Remember when your biggest career worry was whether robots would steal factory jobs? Well, plot twist: they’re coming for the corner office too.
We’re witnessing what economists are calling the “Great Decoupling” – basically, the economy is growing like crazy, corporate profits are hitting record highs, but regular people’s paychecks? Not so much. It’s like the ultimate “it’s not you, it’s me” breakup between economic growth and human workers.
Here’s the thing that’s keeping smart money managers up at night: AI isn’t just making people more “efficient” (corporate speak for “we need fewer of you”). These new AI systems can actually think, check their work, and improve themselves. When ChatGPT can write legal briefs and debug code, suddenly that expensive law degree or computer science diploma starts looking like a very expensive piece of paper.
Take Chegg, the student homework helper that was basically printing money for years. Then ChatGPT showed up and said “hold my beer.” The stock cratered 90% because why pay for homework help when you can get it free from an AI that never sleeps and doesn’t judge your procrastination habits?
But here’s where it gets interesting for investors: while human jobs are getting automated away, someone’s making bank. And it’s not the “AI prompt engineer” crowd (seriously, that’s like telling a blacksmith to become a “steam engine whisperer”).
The real winners? The companies that own the infrastructure powering this AI revolution. Think about it – every time you ask ChatGPT to write your emails, that query uses about 10 times more electricity than a Google search. We’re basically building “information power plants” that need massive amounts of energy and computing power.
Goldman Sachs thinks AI will drive a 160% surge in data center power demand by 2030. That’s not a typo. We’re moving from the “age of bits” to the “age of electrons,” and someone needs to keep the lights on.
This is why the smart money is buying up energy assets, natural gas companies, and anything that powers these digital brains. The government gets it too – they’re throwing billions at projects like “Stargate” (yes, really) because whoever controls the AI infrastructure basically controls the future economy.

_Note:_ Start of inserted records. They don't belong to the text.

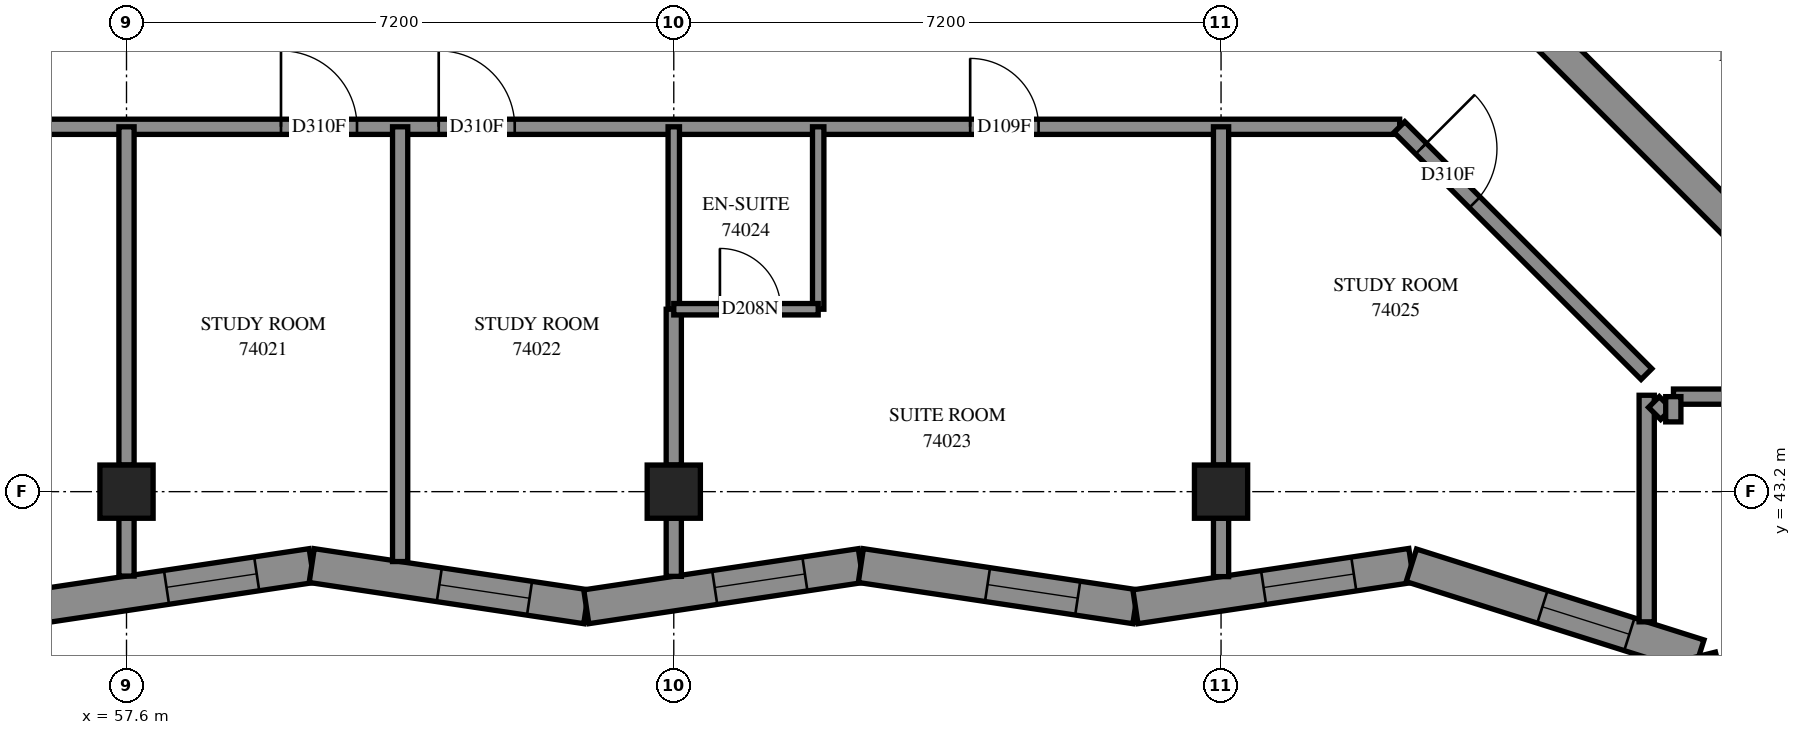
"""IFC4 building model, lengths in metres.
Left out: names, types, materials, properties, quantities, classifications, styles, units other than length and angle.
Written with IfcOpenShell. Run it as: python <this file> out.ifc"""

import sys

from ifc_helpers import new_model, si_unit, direction, frame, frame_2d, origin, origin_2d, place, context, subcontext, project, spatial, polyline, rectangle, outline, extrude, element, fill, save


model = new_model("IFC4")
c1 = context("Model", 3, precision=1e-05, world=origin(), true_north=direction((0.0, 1.0)))
c2 = subcontext(c1, "Body", "Model", "MODEL_VIEW")
j1 = project(units=[si_unit("LENGTHUNIT", "METRE"), si_unit("PLANEANGLEUNIT", "RADIAN")], contexts=[c1])
p1 = place(None, origin())
s1 = spatial("IfcSite", under=j1, at=p1, CompositionType="ELEMENT")
p2 = place(p1, origin())
s2 = spatial("IfcBuilding", under=s1, at=p2, CompositionType="ELEMENT")
p3 = place(p2, frame((0.0, 0.0, 271.0)))
s3 = spatial("IfcBuildingStorey", under=s2, at=p3, CompositionType="ELEMENT", Elevation=271.0)
for number, where, z_axis, x_axis in (
    (1, (57.6, 43.2, 0.0), (0.0, 0.0, 1.0), (1.0, 0.0, 0.0)),
    (2, (64.8, 43.2, 0.0), (0.0, 0.0, 1.0), (1.0, 0.0, 0.0)),
    (3, (72.0, 43.2, 0.0), (0.0, 0.0, 1.0), (1.0, 0.0, 0.0)),
):
    element("IfcColumn", number, at=place(p3, frame(where, z_axis=z_axis, x_axis=x_axis)), inside=s3, PredefinedType="COLUMN", context=c2, shape_type="SweptSolid", body=[
        extrude(rectangle(XDim=0.7, YDim=0.7, at=origin_2d()), origin(), (0.0, 0.0, 1.0), 3.1),
    ])
p4 = place(p3, frame((76.23, 49.231, -0.3), z_axis=(0.0, 0.0, 1.0), x_axis=(0.7071034917, -0.7071100706, 0.0)))
e4 = element("IfcWall", 4, at=p4, inside=s3, PredefinedType="SHEAR", context=c2, shape_type="SweptSolid", body=[
    extrude(rectangle(XDim=15.2, YDim=0.4, at=frame_2d((7.6, 0.0))), origin(), (0.0, 0.0, 1.0), 2.7),
])
p5 = place(p3, frame((56.425, 41.685, 0.0), z_axis=(0.0, 0.0, 1.0), x_axis=(0.9889295242, 0.1483859704, 0.0)))
e5 = element("IfcWall", 5, at=p5, inside=s3, PredefinedType="SOLIDWALL", context=c2, shape_type="SweptSolid", body=[
    extrude(outline(polyline([(-0.034, -0.225), (3.619, -0.225), (3.686, 0.225), (0.034, 0.225), (-0.034, -0.225)])), origin(), (0.0, 0.0, 1.0), 3.1),
])
p6 = place(p5, frame((1.721, 0.0, 0.45)))
e6 = element("IfcOpeningElement", 6, at=p6, cuts=e5, PredefinedType="OPENING", context=c2, shape_type="SweptSolid", body=[
    extrude(rectangle(XDim=1.2, YDim=2.55, at=frame_2d((0.6, 1.275))), frame((0.0, 0.235, 0.0), z_axis=(0.0, -1.0, 0.0), x_axis=(1.0, 0.0, 0.0)), (0.0, 0.0, 1.0), 0.47),
])
p7 = place(p3, frame((60.037, 42.227, 0.0), z_axis=(0.0, 0.0, 1.0), x_axis=(0.9889295242, -0.1483859704, 0.0)))
e7 = element("IfcWall", 7, at=p7, inside=s3, PredefinedType="SOLIDWALL", context=c2, shape_type="SweptSolid", body=[
    extrude(outline(polyline([(0.034, -0.225), (3.686, -0.225), (3.619, 0.225), (-0.034, 0.225), (0.034, -0.225)])), origin(), (0.0, 0.0, 1.0), 3.1),
])
p8 = place(p7, frame((1.698, 0.0, 0.45)))
e8 = element("IfcOpeningElement", 8, at=p8, cuts=e7, PredefinedType="OPENING", context=c2, shape_type="SweptSolid", body=[
    extrude(rectangle(XDim=1.2, YDim=2.55, at=frame_2d((0.6, 1.275))), frame((0.0, 0.235, 0.0), z_axis=(0.0, -1.0, 0.0), x_axis=(1.0, 0.0, 0.0)), (0.0, 0.0, 1.0), 0.47),
])
p9 = place(p3, frame((63.649, 41.685, 0.0), z_axis=(0.0, 0.0, 1.0), x_axis=(0.988930127, 0.148381953, 0.0)))
e9 = element("IfcWall", 9, at=p9, inside=s3, PredefinedType="SOLIDWALL", context=c2, shape_type="SweptSolid", body=[
    extrude(outline(polyline([(-0.034, -0.225), (3.619, -0.225), (3.686, 0.225), (0.034, 0.225), (-0.034, -0.225)])), origin(), (0.0, 0.0, 1.0), 3.1),
])
p10 = place(p9, frame((1.708, 0.0, 0.45)))
e10 = element("IfcOpeningElement", 10, at=p10, cuts=e9, PredefinedType="OPENING", context=c2, shape_type="SweptSolid", body=[
    extrude(rectangle(XDim=1.2, YDim=2.55, at=frame_2d((0.6, 1.275))), frame((0.0, 0.235, 0.0), z_axis=(0.0, -1.0, 0.0), x_axis=(1.0, 0.0, 0.0)), (0.0, 0.0, 1.0), 0.47),
])
p11 = place(p3, frame((67.261, 42.227, 0.0), z_axis=(0.0, 0.0, 1.0), x_axis=(0.9889295242, -0.1483859704, 0.0)))
e11 = element("IfcWall", 11, at=p11, inside=s3, PredefinedType="SOLIDWALL", context=c2, shape_type="SweptSolid", body=[
    extrude(outline(polyline([(0.034, -0.225), (3.686, -0.225), (3.619, 0.225), (-0.034, 0.225), (0.034, -0.225)])), origin(), (0.0, 0.0, 1.0), 3.1),
])
p12 = place(p11, frame((1.685, 0.0, 0.45)))
e12 = element("IfcOpeningElement", 12, at=p12, cuts=e11, PredefinedType="OPENING", context=c2, shape_type="SweptSolid", body=[
    extrude(rectangle(XDim=1.2, YDim=2.55, at=frame_2d((0.6, 1.275))), frame((0.0, 0.235, 0.0), z_axis=(0.0, -1.0, 0.0), x_axis=(1.0, 0.0, 0.0)), (0.0, 0.0, 1.0), 0.47),
])
p13 = place(p3, frame((70.873, 41.685, 0.0), z_axis=(0.0, 0.0, 1.0), x_axis=(0.9889307576, 0.14837775, 0.0)))
e13 = element("IfcWall", 13, at=p13, inside=s3, PredefinedType="SOLIDWALL", context=c2, shape_type="SweptSolid", body=[
    extrude(outline(polyline([(-0.034, -0.225), (3.619, -0.225), (3.723, 0.225), (0.034, 0.225), (-0.034, -0.225)])), origin(), (0.0, 0.0, 1.0), 3.1),
])
p14 = place(p13, frame((1.705, 0.0, 0.45)))
e14 = element("IfcOpeningElement", 14, at=p14, cuts=e13, PredefinedType="OPENING", context=c2, shape_type="SweptSolid", body=[
    extrude(rectangle(XDim=1.2, YDim=2.55, at=frame_2d((0.6, 1.275))), frame((0.0, 0.235, 0.0), z_axis=(0.0, -1.0, 0.0), x_axis=(1.0, 0.0, 0.0)), (0.0, 0.0, 1.0), 0.47),
])
p15 = place(p3, frame((74.504, 42.23, 0.0), z_axis=(0.0, 0.0, 1.0), x_axis=(0.9534896492, -0.3014257601, 0.0)))
e15 = element("IfcWall", 15, at=p15, inside=s3, PredefinedType="SOLIDWALL", context=c2, shape_type="SweptSolid", body=[
    extrude(outline(polyline([(0.052, -0.225), (3.841, -0.225), (4.093, 0.225), (-0.052, 0.225), (0.052, -0.225)])), origin(), (0.0, 0.0, 1.0), 3.1),
])
p16 = place(p15, frame((1.808, 0.0, 0.45)))
e16 = element("IfcOpeningElement", 16, at=p16, cuts=e15, PredefinedType="OPENING", context=c2, shape_type="SweptSolid", body=[
    extrude(rectangle(XDim=1.2, YDim=2.55, at=frame_2d((0.6, 1.275))), frame((0.0, 0.235, 0.0), z_axis=(0.0, -1.0, 0.0), x_axis=(1.0, 0.0, 0.0)), (0.0, 0.0, 1.0), 0.47),
])
p17 = place(p3, frame((78.286, 41.035, 0.0), z_axis=(0.0, 0.0, 1.0), x_axis=(0.2414328965, -0.9704175166, 0.0)))
e17 = element("IfcWall", 17, at=p17, inside=s3, PredefinedType="SOLIDWALL", context=c2, shape_type="SweptSolid", body=[
    extrude(outline(polyline([(0.126, -0.225), (4.782, -0.225), (4.522, 0.225), (-0.126, 0.225), (0.126, -0.225)])), origin(), (0.0, 0.0, 1.0), 3.1),
])
p18 = place(p17, frame((2.3, 0.0, 0.45)))
e18 = element("IfcOpeningElement", 18, at=p18, cuts=e17, PredefinedType="OPENING", context=c2, shape_type="SweptSolid", body=[
    extrude(rectangle(XDim=1.2, YDim=2.55, at=frame_2d((0.6, 1.275))), frame((0.0, 0.235, 0.0), z_axis=(0.0, -1.0, 0.0), x_axis=(1.0, 0.0, 0.0)), (0.0, 0.0, 1.0), 0.47),
])
p19 = place(p3, frame((55.2, 48.0, 0.0), z_axis=(0.0, 0.0, 1.0), x_axis=(1.0, 0.0, 0.0)))
e19 = element("IfcWall", 19, at=p19, inside=s3, PredefinedType="PARTITIONING", context=c2, shape_type="SweptSolid", body=[
    extrude(rectangle(XDim=19.15, YDim=0.2, at=frame_2d((9.575, 0.0))), origin(), (0.0, 0.0, 1.0), 3.1),
])
p20 = place(p19, frame((4.433, 0.0, 0.0)))
e20 = element("IfcOpeningElement", 20, at=p20, cuts=e19, PredefinedType="OPENING", context=c2, shape_type="SweptSolid", body=[
    extrude(rectangle(XDim=1.0, YDim=2.1, at=frame_2d((0.5, 1.05))), frame((0.0, 0.11, 0.0), z_axis=(0.0, -1.0, 0.0), x_axis=(1.0, 0.0, 0.0)), (0.0, 0.0, 1.0), 0.22),
])
p21 = place(p19, frame((6.508, 0.0, 0.0)))
e21 = element("IfcOpeningElement", 21, at=p21, cuts=e19, PredefinedType="OPENING", context=c2, shape_type="SweptSolid", body=[
    extrude(rectangle(XDim=1.0, YDim=2.1, at=frame_2d((0.5, 1.05))), frame((0.0, 0.11, 0.0), z_axis=(0.0, -1.0, 0.0), x_axis=(1.0, 0.0, 0.0)), (0.0, 0.0, 1.0), 0.22),
])
p22 = place(p19, frame((13.499, 0.0, 0.0)))
e22 = element("IfcOpeningElement", 22, at=p22, cuts=e19, PredefinedType="OPENING", context=c2, shape_type="SweptSolid", body=[
    extrude(rectangle(XDim=0.9, YDim=2.1, at=frame_2d((0.45, 1.05))), frame((0.0, 0.11, 0.0), z_axis=(0.0, -1.0, 0.0), x_axis=(1.0, 0.0, 0.0)), (0.0, 0.0, 1.0), 0.22),
])
p23 = place(p3, frame((61.2, 42.281, 0.0), z_axis=(0.0, 0.0, 1.0), x_axis=(0.0, 1.0, 0.0)))
e23 = element("IfcWall", 23, at=p23, inside=s3, PredefinedType="PARTITIONING", context=c2, shape_type="SweptSolid", body=[
    extrude(rectangle(XDim=5.72, YDim=0.2, at=frame_2d((2.86, 0.0))), origin(), (0.0, 0.0, 1.0), 3.1),
])
p24 = place(p3, frame((74.347, 47.997, 0.0), z_axis=(0.0, 0.0, 1.0), x_axis=(0.7071067812, -0.7071067812, 0.0)))
e24 = element("IfcWall", 24, at=p24, inside=s3, PredefinedType="PARTITIONING", context=c2, shape_type="SweptSolid", body=[
    extrude(rectangle(XDim=4.596, YDim=0.2, at=frame_2d((2.298, 0.0))), origin(), (0.0, 0.0, 1.0), 3.1),
])
p25 = place(p24, frame((0.401, 0.0, 0.0)))
e25 = element("IfcOpeningElement", 25, at=p25, cuts=e24, PredefinedType="OPENING", context=c2, shape_type="SweptSolid", body=[
    extrude(rectangle(XDim=1.0, YDim=2.1, at=frame_2d((0.5, 1.05))), frame((0.0, 0.11, 0.0), z_axis=(0.0, -1.0, 0.0), x_axis=(1.0, 0.0, 0.0)), (0.0, 0.0, 1.0), 0.22),
])
for number, where, z_axis, x_axis in (
    (26, (57.6, 43.55, 0.0), (0.0, 0.0, 1.0), (0.0, 1.0, 0.0)),
    (27, (72.0, 43.55, 0.0), (0.0, 0.0, 1.0), (0.0, 1.0, 0.0)),
):
    element("IfcWall", number, at=place(p3, frame(where, z_axis=z_axis, x_axis=x_axis)), inside=s3, PredefinedType="PARTITIONING", context=c2, shape_type="SweptSolid", body=[
        extrude(rectangle(XDim=4.45, YDim=0.2, at=frame_2d((2.225, 0.0))), origin(), (0.0, 0.0, 1.0), 3.1),
    ])
p26 = place(p3, frame((77.6, 41.487, 0.0), z_axis=(0.0, 0.0, 1.0), x_axis=(0.0, 1.0, 0.0)))
e28 = element("IfcWall", 28, at=p26, inside=s3, PredefinedType="PARTITIONING", context=c2, shape_type="SweptSolid", body=[
    extrude(rectangle(XDim=2.981, YDim=0.2, at=frame_2d((1.49, 0.0))), origin(), (0.0, 0.0, 1.0), 3.1),
])
p27 = place(p3, frame((77.952, 44.45, 0.0), z_axis=(0.0, 0.0, 1.0), x_axis=(1.0, 0.0, 0.0)))
e29 = element("IfcWall", 29, at=p27, inside=s3, PredefinedType="PARTITIONING", context=c2, shape_type="SweptSolid", body=[
    extrude(rectangle(XDim=2.498, YDim=0.2, at=frame_2d((1.249, 0.0))), origin(), (0.0, 0.0, 1.0), 3.1),
])
for number, where, z_axis, x_axis in (
    (30, (66.7, 45.6, 0.0), (0.0, 0.0, 1.0), (0.0, 1.0, 0.0)),
    (31, (64.8, 45.6, 0.0), (0.0, 0.0, 1.0), (0.0, 1.0, 0.0)),
):
    element("IfcWall", number, at=place(p3, frame(where, z_axis=z_axis, x_axis=x_axis)), inside=s3, PredefinedType="PARTITIONING", context=c2, shape_type="SweptSolid", body=[
        extrude(rectangle(XDim=2.4, YDim=0.15, at=frame_2d((1.2, 0.0))), origin(), (0.0, 0.0, 1.0), 3.1),
    ])
p28 = place(p3, frame((64.8, 43.55, 0.0), z_axis=(0.0, 0.0, 1.0), x_axis=(0.0, 1.0, 0.0)))
e32 = element("IfcWall", 32, at=p28, inside=s3, PredefinedType="PARTITIONING", context=c2, shape_type="SweptSolid", body=[
    extrude(rectangle(XDim=2.05, YDim=0.2, at=frame_2d((1.025, 0.0))), origin(), (0.0, 0.0, 1.0), 3.1),
])
p29 = place(p3, frame((64.8, 45.6, 0.0), z_axis=(0.0, 0.0, 1.0), x_axis=(1.0, 0.0, 0.0)))
e33 = element("IfcWall", 33, at=p29, inside=s3, PredefinedType="PARTITIONING", context=c2, shape_type="SweptSolid", body=[
    extrude(rectangle(XDim=1.9, YDim=0.15, at=frame_2d((0.95, 0.0))), origin(), (0.0, 0.0, 1.0), 3.1),
])
p30 = place(p29, frame((0.607, 0.0, 0.0)))
e34 = element("IfcOpeningElement", 34, at=p30, cuts=e33, PredefinedType="OPENING", context=c2, shape_type="SweptSolid", body=[
    extrude(rectangle(XDim=0.8, YDim=2.1, at=frame_2d((0.4, 1.05))), frame((0.0, 0.085, 0.0), z_axis=(0.0, -1.0, 0.0), x_axis=(1.0, 0.0, 0.0)), (0.0, 0.0, 1.0), 0.17),
])
p31 = place(p3, frame((78.571, 40.82, 0.0), z_axis=(0.0, 0.0, 1.0), x_axis=(0.7059234937, 0.7082880918, 0.0)))
e35 = element("IfcWall", 35, at=p31, inside=s3, PredefinedType="PARTITIONING", context=c2, shape_type="SweptSolid", body=[
    extrude(rectangle(XDim=1.1, YDim=0.2, at=frame_2d((0.55, 0.0))), origin(), (0.0, 0.0, 1.0), 3.1),
])
p32 = place(p3, frame((72.0, 42.082, 0.0), z_axis=(0.0, 0.0, 1.0), x_axis=(0.0, 1.0, 0.0)))
e36 = element("IfcWall", 36, at=p32, inside=s3, PredefinedType="PARTITIONING", context=c2, shape_type="SweptSolid", body=[
    extrude(rectangle(XDim=0.768, YDim=0.2, at=frame_2d((0.384, 0.0))), origin(), (0.0, 0.0, 1.0), 3.1),
])
p33 = place(p3, frame((64.8, 42.086, 0.0), z_axis=(0.0, 0.0, 1.0), x_axis=(0.0, 1.0, 0.0)))
e37 = element("IfcWall", 37, at=p33, inside=s3, PredefinedType="PARTITIONING", context=c2, shape_type="SweptSolid", body=[
    extrude(rectangle(XDim=0.764, YDim=0.2, at=frame_2d((0.382, 0.0))), origin(), (0.0, 0.0, 1.0), 3.1),
])
p34 = place(p3, frame((57.6, 42.089, 0.0), z_axis=(0.0, 0.0, 1.0), x_axis=(0.0, 1.0, 0.0)))
e38 = element("IfcWall", 38, at=p34, inside=s3, PredefinedType="PARTITIONING", context=c2, shape_type="SweptSolid", body=[
    extrude(rectangle(XDim=0.761, YDim=0.2, at=frame_2d((0.38, 0.0))), origin(), (0.0, 0.0, 1.0), 3.1),
])
p35 = place(p3, frame((77.695, 44.38, 0.0), z_axis=(0.0, 0.0, 1.0), x_axis=(0.707329037, -0.7068844555, 0.0)))
e39 = element("IfcWall", 39, at=p35, inside=s3, PredefinedType="PARTITIONING", context=c2, shape_type="SweptSolid", body=[
    extrude(rectangle(XDim=0.225, YDim=0.2, at=frame_2d((0.112, 0.0))), origin(), (0.0, 0.0, 1.0), 3.1),
])
p36 = place(p3, frame((77.95, 44.118, 0.0), z_axis=(0.0, 0.0, 1.0), x_axis=(0.0, 1.0, 0.0)))
e40 = element("IfcWall", 40, at=p36, inside=s3, PredefinedType="PARTITIONING", context=c2, shape_type="SweptSolid", body=[
    extrude(rectangle(XDim=0.332, YDim=0.2, at=frame_2d((0.166, 0.0))), origin(), (0.0, 0.0, 1.0), 3.1),
])
p37 = place(p6, origin())
e41 = element("IfcWindow", 41, at=p37, inside=s3, PartitioningType="SINGLE_PANEL", PredefinedType="WINDOW", context=c2, shape_type="SweptSolid", body=[
    extrude(rectangle(XDim=1.2, YDim=2.55, at=frame_2d((0.6, 1.275))), frame((0.0, 0.205, 0.0), z_axis=(0.0, -1.0, 0.0), x_axis=(1.0, 0.0, 0.0)), (0.0, 0.0, 1.0), 0.06),
])
fill(e6, e41)
p38 = place(p8, origin())
e42 = element("IfcWindow", 42, at=p38, inside=s3, PartitioningType="SINGLE_PANEL", PredefinedType="WINDOW", context=c2, shape_type="SweptSolid", body=[
    extrude(rectangle(XDim=1.2, YDim=2.55, at=frame_2d((0.6, 1.275))), frame((0.0, 0.205, 0.0), z_axis=(0.0, -1.0, 0.0), x_axis=(1.0, 0.0, 0.0)), (0.0, 0.0, 1.0), 0.06),
])
fill(e8, e42)
p39 = place(p10, origin())
e43 = element("IfcWindow", 43, at=p39, inside=s3, PartitioningType="SINGLE_PANEL", PredefinedType="WINDOW", context=c2, shape_type="SweptSolid", body=[
    extrude(rectangle(XDim=1.2, YDim=2.55, at=frame_2d((0.6, 1.275))), frame((0.0, 0.205, 0.0), z_axis=(0.0, -1.0, 0.0), x_axis=(1.0, 0.0, 0.0)), (0.0, 0.0, 1.0), 0.06),
])
fill(e10, e43)
p40 = place(p12, origin())
e44 = element("IfcWindow", 44, at=p40, inside=s3, PartitioningType="SINGLE_PANEL", PredefinedType="WINDOW", context=c2, shape_type="SweptSolid", body=[
    extrude(rectangle(XDim=1.2, YDim=2.55, at=frame_2d((0.6, 1.275))), frame((0.0, 0.205, 0.0), z_axis=(0.0, -1.0, 0.0), x_axis=(1.0, 0.0, 0.0)), (0.0, 0.0, 1.0), 0.06),
])
fill(e12, e44)
p41 = place(p14, origin())
e45 = element("IfcWindow", 45, at=p41, inside=s3, PartitioningType="SINGLE_PANEL", PredefinedType="WINDOW", context=c2, shape_type="SweptSolid", body=[
    extrude(rectangle(XDim=1.2, YDim=2.55, at=frame_2d((0.6, 1.275))), frame((0.0, 0.205, 0.0), z_axis=(0.0, -1.0, 0.0), x_axis=(1.0, 0.0, 0.0)), (0.0, 0.0, 1.0), 0.06),
])
fill(e14, e45)
p42 = place(p16, origin())
e46 = element("IfcWindow", 46, at=p42, inside=s3, PartitioningType="SINGLE_PANEL", PredefinedType="WINDOW", context=c2, shape_type="SweptSolid", body=[
    extrude(rectangle(XDim=1.2, YDim=2.55, at=frame_2d((0.6, 1.275))), frame((0.0, 0.205, 0.0), z_axis=(0.0, -1.0, 0.0), x_axis=(1.0, 0.0, 0.0)), (0.0, 0.0, 1.0), 0.06),
])
fill(e16, e46)
p43 = place(p20, origin())
e47 = element("IfcDoor", 47, at=p43, inside=s3, OperationType="SINGLE_SWING_LEFT", PredefinedType="DOOR", context=c2, shape_type="SweptSolid", body=[
    extrude(rectangle(XDim=1.0, YDim=2.1, at=frame_2d((0.5, 1.05))), frame((0.0, 0.025, 0.0), z_axis=(0.0, -1.0, 0.0), x_axis=(1.0, 0.0, 0.0)), (0.0, 0.0, 1.0), 0.05),
])
fill(e20, e47)
p44 = place(p21, origin())
e48 = element("IfcDoor", 48, at=p44, inside=s3, OperationType="SINGLE_SWING_RIGHT", PredefinedType="DOOR", context=c2, shape_type="SweptSolid", body=[
    extrude(rectangle(XDim=1.0, YDim=2.1, at=frame_2d((0.5, 1.05))), frame((0.0, 0.025, 0.0), z_axis=(0.0, -1.0, 0.0), x_axis=(1.0, 0.0, 0.0)), (0.0, 0.0, 1.0), 0.05),
])
fill(e21, e48)
p45 = place(p22, origin())
e49 = element("IfcDoor", 49, at=p45, inside=s3, OperationType="SINGLE_SWING_LEFT", PredefinedType="DOOR", context=c2, shape_type="SweptSolid", body=[
    extrude(rectangle(XDim=0.9, YDim=2.1, at=frame_2d((0.45, 1.05))), frame((0.0, 0.025, 0.0), z_axis=(0.0, -1.0, 0.0), x_axis=(1.0, 0.0, 0.0)), (0.0, 0.0, 1.0), 0.05),
])
fill(e22, e49)
p46 = place(p30, origin())
e50 = element("IfcDoor", 50, at=p46, inside=s3, OperationType="SINGLE_SWING_RIGHT", PredefinedType="DOOR", context=c2, shape_type="SweptSolid", body=[
    extrude(rectangle(XDim=0.8, YDim=2.1, at=frame_2d((0.4, 1.05))), frame((0.0, 0.025, 0.0), z_axis=(0.0, -1.0, 0.0), x_axis=(1.0, 0.0, 0.0)), (0.0, 0.0, 1.0), 0.05),
])
fill(e34, e50)
p47 = place(p25, origin())
e51 = element("IfcDoor", 51, at=p47, inside=s3, OperationType="SINGLE_SWING_LEFT", PredefinedType="DOOR", context=c2, shape_type="SweptSolid", body=[
    extrude(rectangle(XDim=1.0, YDim=2.1, at=frame_2d((0.5, 1.05))), frame((0.0, 0.025, 0.0), z_axis=(0.0, -1.0, 0.0), x_axis=(1.0, 0.0, 0.0)), (0.0, 0.0, 1.0), 0.05),
])
fill(e25, e51)
save(model, sys.argv[1])

So what’s an investor to do? Stop betting on companies that sell human time and expertise (sorry, consulting firms), and start looking at the “intelligence utilities” – the unglamorous companies providing power, cooling, and compute infrastructure that keep AI running.
The uncomfortable truth? This isn’t just about jobs disappearing. It’s about wealth flowing to whoever owns the machines, not whoever operates them. In this new world, owning electricity and silicon beats owning a resume.
The “knowledge economy” we were promised? It’s becoming the “who owns the knowledge infrastructure” economy. And if you’re not positioned accordingly, you might find yourself on the wrong side of history’s biggest economic shift since the Industrial Revolution.
Time to pick a side: be the labor getting replaced, or own the companies doing the replacing.